1. Copy Board ($O(M \times N)$ Space)

• Create a copy of the board.
• Iterate original board, check neighbors in copy to update original.
• Simple but uses extra space.

2. In-Place with State Encoding ($O(1)$ Space)

• Problem: Updating a cell changes the neighbor count for the next cell we visit.
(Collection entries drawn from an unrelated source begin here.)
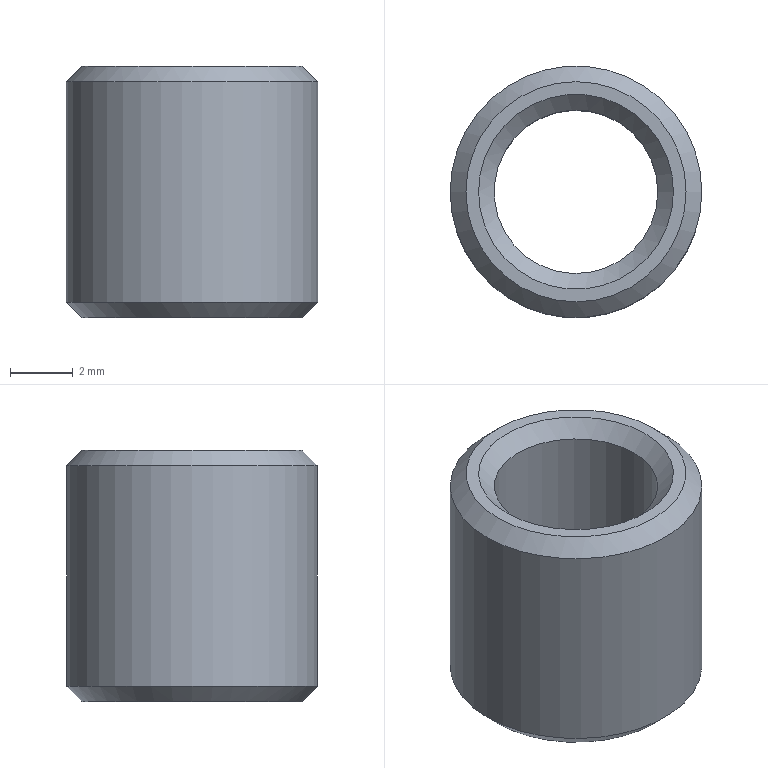Component | NX | ROLLER | 1 solid | 8 faces | box 8 x 8 x 8 mm | volume 222 mm3 | cone 4 | cylinder 2 | plane 2 | commonest cylinder face diameters 8 x1 5.2 x1
STEP:
#1=CARTESIAN_POINT('',(0.,0.,0.));
#2=DIRECTION('',(0.,0.,1.));
#3=DIRECTION('',(1.,0.,0.));
#4=AXIS2_PLACEMENT_3D('',#1,#2,#3);
#5=CARTESIAN_POINT('',(24.453,-0.,-3.5));
#6=VERTEX_POINT('',#5);
#7=CARTESIAN_POINT('',(20.453,-0.,-3.5));
#8=DIRECTION('',(0.,0.,1.));
#9=DIRECTION('',(1.,0.,0.));
#10=AXIS2_PLACEMENT_3D('',#7,#8,#9);
#11=CIRCLE('',#10,4.);
#12=CARTESIAN_POINT('',(20.453,-0.,4.));
#13=DIRECTION('',(0.,0.,-1.));
#14=DIRECTION('',(-1.,0.,0.));
#15=AXIS2_PLACEMENT_3D('',#12,#13,#14);
#16=CYLINDRICAL_SURFACE('',#15,4.);
#17=CARTESIAN_POINT('',(9.425,7.5));
#18=DIRECTION('',(-1.,0.));
#19=VECTOR('',#18,1.);
#20=LINE('',#17,#19);
#21=(GEOMETRIC_REPRESENTATION_CONTEXT(2)PARAMETRIC_REPRESENTATION_CONTEXT()REPRESENTATION_CONTEXT('',''));
#22=DEFINITIONAL_REPRESENTATION('',(#20),#21);
#23=PCURVE('',#16,#22);
#24=CARTESIAN_POINT('',(20.453,-0.,-3.5));
#25=DIRECTION('',(0.,0.,1.));
#26=DIRECTION('',(1.,0.,0.));
#27=AXIS2_PLACEMENT_3D('',#24,#25,#26);
#28=CONICAL_SURFACE('',#27,4.,0.7854);
#29=CARTESIAN_POINT('',(0.,-0.));
#30=DIRECTION('',(1.,0.));
#31=VECTOR('',#30,1.);
#32=LINE('',#29,#31);
#33=(GEOMETRIC_REPRESENTATION_CONTEXT(2)PARAMETRIC_REPRESENTATION_CONTEXT()REPRESENTATION_CONTEXT('',''));
#34=DEFINITIONAL_REPRESENTATION('',(#32),#33);
#35=PCURVE('',#28,#34);
#36=SURFACE_CURVE('',#11,(#23,#35),.PCURVE_S1.);
#37=EDGE_CURVE('',#6,#6,#36,.T.);
#38=ORIENTED_EDGE('',*,*,#37,.T.);
#39=CARTESIAN_POINT('',(24.453,-0.,3.5));
#40=VERTEX_POINT('',#39);
#41=CARTESIAN_POINT('',(24.453,-0.,3.5));
#42=CARTESIAN_POINT('',(24.453,-0.,-3.5));
#43=B_SPLINE_CURVE_WITH_KNOTS('',1,(#41,#42),.UNSPECIFIED.,.F.,.F.,(2,2),(0.5,7.5),.PIECEWISE_BEZIER_KNOTS.);
#44=CARTESIAN_POINT('',(3.142,0.));
#45=DIRECTION('',(0.,1.));
#46=VECTOR('',#45,1.);
#47=LINE('',#44,#46);
#48=(GEOMETRIC_REPRESENTATION_CONTEXT(2)PARAMETRIC_REPRESENTATION_CONTEXT()REPRESENTATION_CONTEXT('',''));
#49=DEFINITIONAL_REPRESENTATION('',(#47),#48);
#50=PCURVE('',#16,#49);
#51=CARTESIAN_POINT('',(9.425,0.));
#52=DIRECTION('',(0.,1.));
#53=VECTOR('',#52,1.);
#54=LINE('',#51,#53);
#55=(GEOMETRIC_REPRESENTATION_CONTEXT(2)PARAMETRIC_REPRESENTATION_CONTEXT()REPRESENTATION_CONTEXT('',''));
#56=DEFINITIONAL_REPRESENTATION('',(#54),#55);
#57=PCURVE('',#16,#56);
#58=SEAM_CURVE('',#43,(#50,#57),.PCURVE_S1.);
#59=EDGE_CURVE('',#40,#6,#58,.T.);
#60=ORIENTED_EDGE('',*,*,#59,.F.);
#61=CARTESIAN_POINT('',(20.453,-0.,3.5));
#62=DIRECTION('',(0.,0.,-1.));
#63=DIRECTION('',(1.,0.,0.));
#64=AXIS2_PLACEMENT_3D('',#61,#62,#63);
#65=CIRCLE('',#64,4.);
#66=CARTESIAN_POINT('',(3.142,0.5));
#67=DIRECTION('',(1.,0.));
#68=VECTOR('',#67,1.);
#69=LINE('',#66,#68);
#70=(GEOMETRIC_REPRESENTATION_CONTEXT(2)PARAMETRIC_REPRESENTATION_CONTEXT()REPRESENTATION_CONTEXT('',''));
#71=DEFINITIONAL_REPRESENTATION('',(#69),#70);
#72=PCURVE('',#16,#71);
#73=CARTESIAN_POINT('',(20.453,-0.,4.));
#74=DIRECTION('',(0.,0.,-1.));
#75=DIRECTION('',(-1.,0.,0.));
#76=AXIS2_PLACEMENT_3D('',#73,#74,#75);
#77=CONICAL_SURFACE('',#76,3.5,0.7854);
#78=CARTESIAN_POINT('',(3.142,0.5));
#79=DIRECTION('',(1.,0.));
#80=VECTOR('',#79,1.);
#81=LINE('',#78,#80);
#82=(GEOMETRIC_REPRESENTATION_CONTEXT(2)PARAMETRIC_REPRESENTATION_CONTEXT()REPRESENTATION_CONTEXT('',''));
#83=DEFINITIONAL_REPRESENTATION('',(#81),#82);
#84=PCURVE('',#77,#83);
#85=SURFACE_CURVE('',#65,(#72,#84),.PCURVE_S1.);
#86=EDGE_CURVE('',#40,#40,#85,.T.);
#87=ORIENTED_EDGE('',*,*,#86,.T.);
#88=ORIENTED_EDGE('',*,*,#59,.T.);
#89=EDGE_LOOP('',(#38,#60,#87,#88));
#90=FACE_BOUND('',#89,.T.);
#91=ADVANCED_FACE('',(#90),#16,.T.);
#92=CARTESIAN_POINT('',(23.053,-0.,-3.5));
#93=VERTEX_POINT('',#92);
#94=CARTESIAN_POINT('',(20.453,-0.,-3.5));
#95=DIRECTION('',(0.,0.,-1.));
#96=DIRECTION('',(1.,0.,0.));
#97=AXIS2_PLACEMENT_3D('',#94,#95,#96);
#98=CIRCLE('',#97,2.6);
#99=CARTESIAN_POINT('',(20.453,-0.,4.));
#100=DIRECTION('',(0.,0.,-1.));
#101=DIRECTION('',(-1.,0.,0.));
#102=AXIS2_PLACEMENT_3D('',#99,#100,#101);
#103=CYLINDRICAL_SURFACE('',#102,2.6);
#104=CARTESIAN_POINT('',(3.142,7.5));
#105=DIRECTION('',(1.,0.));
#106=VECTOR('',#105,1.);
#107=LINE('',#104,#106);
#108=(GEOMETRIC_REPRESENTATION_CONTEXT(2)PARAMETRIC_REPRESENTATION_CONTEXT()REPRESENTATION_CONTEXT('',''));
#109=DEFINITIONAL_REPRESENTATION('',(#107),#108);
#110=PCURVE('',#103,#109);
#111=CARTESIAN_POINT('',(20.453,-0.,-4.));
#112=DIRECTION('',(0.,0.,-1.));
#113=DIRECTION('',(-1.,0.,0.));
#114=AXIS2_PLACEMENT_3D('',#111,#112,#113);
#115=CONICAL_SURFACE('',#114,3.1,0.7854);
#116=CARTESIAN_POINT('',(3.142,-0.5));
#117=DIRECTION('',(1.,0.));
#118=VECTOR('',#117,1.);
#119=LINE('',#116,#118);
#120=(GEOMETRIC_REPRESENTATION_CONTEXT(2)PARAMETRIC_REPRESENTATION_CONTEXT()REPRESENTATION_CONTEXT('',''));
#121=DEFINITIONAL_REPRESENTATION('',(#119),#120);
#122=PCURVE('',#115,#121);
#123=SURFACE_CURVE('',#98,(#110,#122),.PCURVE_S1.);
#124=EDGE_CURVE('',#93,#93,#123,.T.);
#125=ORIENTED_EDGE('',*,*,#124,.F.);
#126=CARTESIAN_POINT('',(23.053,-0.,3.5));
#127=VERTEX_POINT('',#126);
#128=CARTESIAN_POINT('',(23.053,-0.,3.5));
#129=CARTESIAN_POINT('',(23.053,-0.,-3.5));
#130=B_SPLINE_CURVE_WITH_KNOTS('',1,(#128,#129),.UNSPECIFIED.,.F.,.F.,(2,2),(0.5,7.5),.PIECEWISE_BEZIER_KNOTS.);
#131=CARTESIAN_POINT('',(3.142,0.));
#132=DIRECTION('',(0.,1.));
#133=VECTOR('',#132,1.);
#134=LINE('',#131,#133);
#135=(GEOMETRIC_REPRESENTATION_CONTEXT(2)PARAMETRIC_REPRESENTATION_CONTEXT()REPRESENTATION_CONTEXT('',''));
#136=DEFINITIONAL_REPRESENTATION('',(#134),#135);
#137=PCURVE('',#103,#136);
#138=CARTESIAN_POINT('',(9.425,0.));
#139=DIRECTION('',(0.,1.));
#140=VECTOR('',#139,1.);
#141=LINE('',#138,#140);
#142=(GEOMETRIC_REPRESENTATION_CONTEXT(2)PARAMETRIC_REPRESENTATION_CONTEXT()REPRESENTATION_CONTEXT('',''));
#143=DEFINITIONAL_REPRESENTATION('',(#141),#142);
#144=PCURVE('',#103,#143);
#145=SEAM_CURVE('',#130,(#137,#144),.PCURVE_S1.);
#146=EDGE_CURVE('',#127,#93,#145,.T.);
#147=ORIENTED_EDGE('',*,*,#146,.F.);
#148=CARTESIAN_POINT('',(20.453,-0.,3.5));
#149=DIRECTION('',(0.,0.,1.));
#150=DIRECTION('',(1.,0.,0.));
#151=AXIS2_PLACEMENT_3D('',#148,#149,#150);
#152=CIRCLE('',#151,2.6);
#153=CARTESIAN_POINT('',(9.425,0.5));
#154=DIRECTION('',(-1.,0.));
#155=VECTOR('',#154,1.);
#156=LINE('',#153,#155);
#157=(GEOMETRIC_REPRESENTATION_CONTEXT(2)PARAMETRIC_REPRESENTATION_CONTEXT()REPRESENTATION_CONTEXT('',''));
#158=DEFINITIONAL_REPRESENTATION('',(#156),#157);
#159=PCURVE('',#103,#158);
#160=CARTESIAN_POINT('',(20.453,-0.,3.5));
#161=DIRECTION('',(0.,0.,1.));
#162=DIRECTION('',(1.,0.,0.));
#163=AXIS2_PLACEMENT_3D('',#160,#161,#162);
#164=CONICAL_SURFACE('',#163,2.6,0.7854);
#165=CARTESIAN_POINT('',(0.,0.));
#166=DIRECTION('',(1.,0.));
#167=VECTOR('',#166,1.);
#168=LINE('',#165,#167);
#169=(GEOMETRIC_REPRESENTATION_CONTEXT(2)PARAMETRIC_REPRESENTATION_CONTEXT()REPRESENTATION_CONTEXT('',''));
#170=DEFINITIONAL_REPRESENTATION('',(#168),#169);
#171=PCURVE('',#164,#170);
#172=SURFACE_CURVE('',#152,(#159,#171),.PCURVE_S1.);
#173=EDGE_CURVE('',#127,#127,#172,.T.);
#174=ORIENTED_EDGE('',*,*,#173,.F.);
#175=ORIENTED_EDGE('',*,*,#146,.T.);
#176=EDGE_LOOP('',(#125,#147,#174,#175));
#177=FACE_BOUND('',#176,.F.);
#178=ADVANCED_FACE('',(#177),#103,.F.);
#179=CARTESIAN_POINT('',(23.953,-0.,4.));
#180=VERTEX_POINT('',#179);
#181=CARTESIAN_POINT('',(20.453,-0.,4.));
#182=DIRECTION('',(0.,0.,1.));
#183=DIRECTION('',(1.,0.,0.));
#184=AXIS2_PLACEMENT_3D('',#181,#182,#183);
#185=CIRCLE('',#184,3.5);
#186=CARTESIAN_POINT('',(20.453,-0.,4.));
#187=DIRECTION('',(0.,0.,1.));
#188=DIRECTION('',(1.,0.,0.));
#189=AXIS2_PLACEMENT_3D('',#186,#187,#188);
#190=PLANE('',#189);
#191=CARTESIAN_POINT('',(0.,0.));
#192=DIRECTION('',(1.,0.));
#193=AXIS2_PLACEMENT_2D('',#191,#192);
#194=CIRCLE('',#193,3.5);
#195=(GEOMETRIC_REPRESENTATION_CONTEXT(2)PARAMETRIC_REPRESENTATION_CONTEXT()REPRESENTATION_CONTEXT('',''));
#196=DEFINITIONAL_REPRESENTATION('',(#194),#195);
#197=PCURVE('',#190,#196);
#198=CARTESIAN_POINT('',(9.425,-0.));
#199=DIRECTION('',(-1.,0.));
#200=VECTOR('',#199,1.);
#201=LINE('',#198,#200);
#202=(GEOMETRIC_REPRESENTATION_CONTEXT(2)PARAMETRIC_REPRESENTATION_CONTEXT()REPRESENTATION_CONTEXT('',''));
#203=DEFINITIONAL_REPRESENTATION('',(#201),#202);
#204=PCURVE('',#77,#203);
#205=SURFACE_CURVE('',#185,(#197,#204),.PCURVE_S1.);
#206=EDGE_CURVE('',#180,#180,#205,.T.);
#207=ORIENTED_EDGE('',*,*,#206,.T.);
#208=EDGE_LOOP('',(#207));
#209=FACE_BOUND('',#208,.T.);
#210=CARTESIAN_POINT('',(23.553,-0.,4.));
#211=VERTEX_POINT('',#210);
#212=CARTESIAN_POINT('',(20.453,-0.,4.));
#213=DIRECTION('',(0.,0.,-1.));
#214=DIRECTION('',(1.,0.,0.));
#215=AXIS2_PLACEMENT_3D('',#212,#213,#214);
#216=CIRCLE('',#215,3.1);
#217=CARTESIAN_POINT('',(3.1,0.));
#218=CARTESIAN_POINT('',(3.1,-5.369));
#219=CARTESIAN_POINT('',(-1.55,-2.685));
#220=CARTESIAN_POINT('',(-6.2,-0.));
#221=CARTESIAN_POINT('',(-1.55,2.685));
#222=CARTESIAN_POINT('',(3.1,5.369));
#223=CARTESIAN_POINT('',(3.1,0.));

We need to know the old state while updating.
• Solution: Use temporary values to encode "Was X, Now Y".
• 0: Dead -> Dead
• 1: Live -> Live
• 2: Live -> Dead (Was 1, Now 0)
• 3: Dead -> Live (Was 0, Now 1)
• Transitions:
• If board[r][c] == 1 (Live):
• Neighbors < 2 or > 3: board[r][c] = 2 (Dies).
• If board[r][c] == 0 (Dead):
• Neighbors == 3: board[r][c] = 3 (Liives).
• Counting Neighbors: When checking neighbors, 1 and 2 count as live (since 2 was live). 0 and 3 count as dead.
• Final Pass: Convert 2 -> 0, 3 -> 1.

⏳ Time & Space Complexity

• Time Complexity: $O(M \times N)$.
• Space Complexity: $O(1)$ (in-place modification).

🚀 Code Implementations

C++

#include <vector>
#include <iostream>
using namespace std;
class Solution {
public:
void gameOfLife(vector<vector<int>>& board) {
int m = board.size();
int n = board[0].size();
// Directions for 8 neighbors
int dx[] = {-1, -1, -1, 0, 0, 1, 1, 1};
int dy[] = {-1, 0, 1, -1, 1, -1, 0, 1};
for (int i = 0; i < m; ++i) {
for (int j = 0; j < n; ++j) {
int liveNeighbors = 0;
for (int k = 0; k < 8; ++k) {
int ni = i + dx[k];
int nj = j + dy[k];
if (ni >= 0 && ni < m && nj >= 0 && nj < n) {
// Check if neighbor was live (1 or 2)
if (board[ni][nj] == 1 || board[ni][nj] == 2) {
liveNeighbors++;
}
}
}
if (board[i][j] == 1) {
if (liveNeighbors < 2 || liveNeighbors > 3) {
board[i][j] = 2; // Live -> Dead
}
} else {
if (liveNeighbors == 3) {
board[i][j] = 3; // Dead -> Live
}
}
}
}
// Finalize
for (int i = 0; i < m; ++i) {
for (int j = 0; j < n; ++j) {
if (board[i][j] == 2) board[i][j] = 0;
else if (board[i][j] == 3) board[i][j] = 1;
}
}
}
};

Python

from typing import List
class Solution:
def gameOfLife(self, board: List[List[int]]) -> None:
"""
Do not return anything, modify board in-place instead.
"""
m, n = len(board), len(board[0])
neighbors = [(-1,-1), (-1,0), (-1,1), (0,-1), (0,1), (1,-1), (1,0), (1,1)]
for i in range(m):
for j in range(n):
live_neighbors = 0
for r, c in neighbors:
nr, nc = i + r, j + c
if 0 <= nr < m and 0 <= nc < n and abs(board[nr][nc]) == 1:
live_neighbors += 1
if board[i][j] == 1 and (live_neighbors < 2 or live_neighbors > 3):
board[i][j] = -1 # Live -> Dead
if board[i][j] == 0 and live_neighbors == 3:
board[i][j] = 2 # Dead -> Live
for i in range(m):
for j in range(n):
if board[i][j] > 0:
board[i][j] = 1
else:
board[i][j] = 0

Note: Python implementation uses slightly different encoding (-1 for Live->Dead to use abs(), 2 for Dead->Live)

Java

import java.util.Arrays;
class Solution {
public void gameOfLife(int[][] board) {
int m = board.length;
int n = board[0].length;
int[] dx = {-1, -1, -1, 0, 0, 1, 1, 1};
int[] dy = {-1, 0, 1, -1, 1, -1, 0, 1};
for (int i = 0; i < m; i++) {
for (int j = 0; j < n; j++) {
int liveNeighbors = 0;
for (int k = 0; k < 8; k++) {
int ni = i + dx[k];
int nj = j + dy[k];
if (ni >= 0 && ni < m && nj >= 0 && nj < n) {
if (board[ni][nj] == 1 || board[ni][nj] == 2) {
liveNeighbors++;
}
}
}
if (board[i][j] == 1) {
if (liveNeighbors < 2 || liveNeighbors > 3) {
board[i][j] = 2; // Live -> Dead
}
} else {
if (liveNeighbors == 3) {
board[i][j] = 3; // Dead -> Live
}
}
}
}
for (int i = 0; i < m; i++) {
for (int j = 0; j < n; j++) {
if (board[i][j] == 2) board[i][j] = 0;
else if (board[i][j] == 3) board[i][j] = 1;
}
}
}
public static void main(String[] args) {
Solution sol = new Solution();
int[][] board = {{0,1,0},{0,0,1},{1,1,1},{0,0,0}};
sol.gameOfLife(board);
System.out.println("Test Case 1 Output:");
for (int[] row : board) {
System.out.println(Arrays.toString(row));
}
}
}

🌍 Real-World Analogy

Population Simulation:

Similar to how populations grow or shrink based on resources (neighbors). Too few resources (underpopulation) -> death. Optimally populated -> Survival. Too many (overpopulation) -> death due to competition.

🎯 Summary

✅ In-Place Encoding: Critical technique for grid problems where simultaneous updates are required.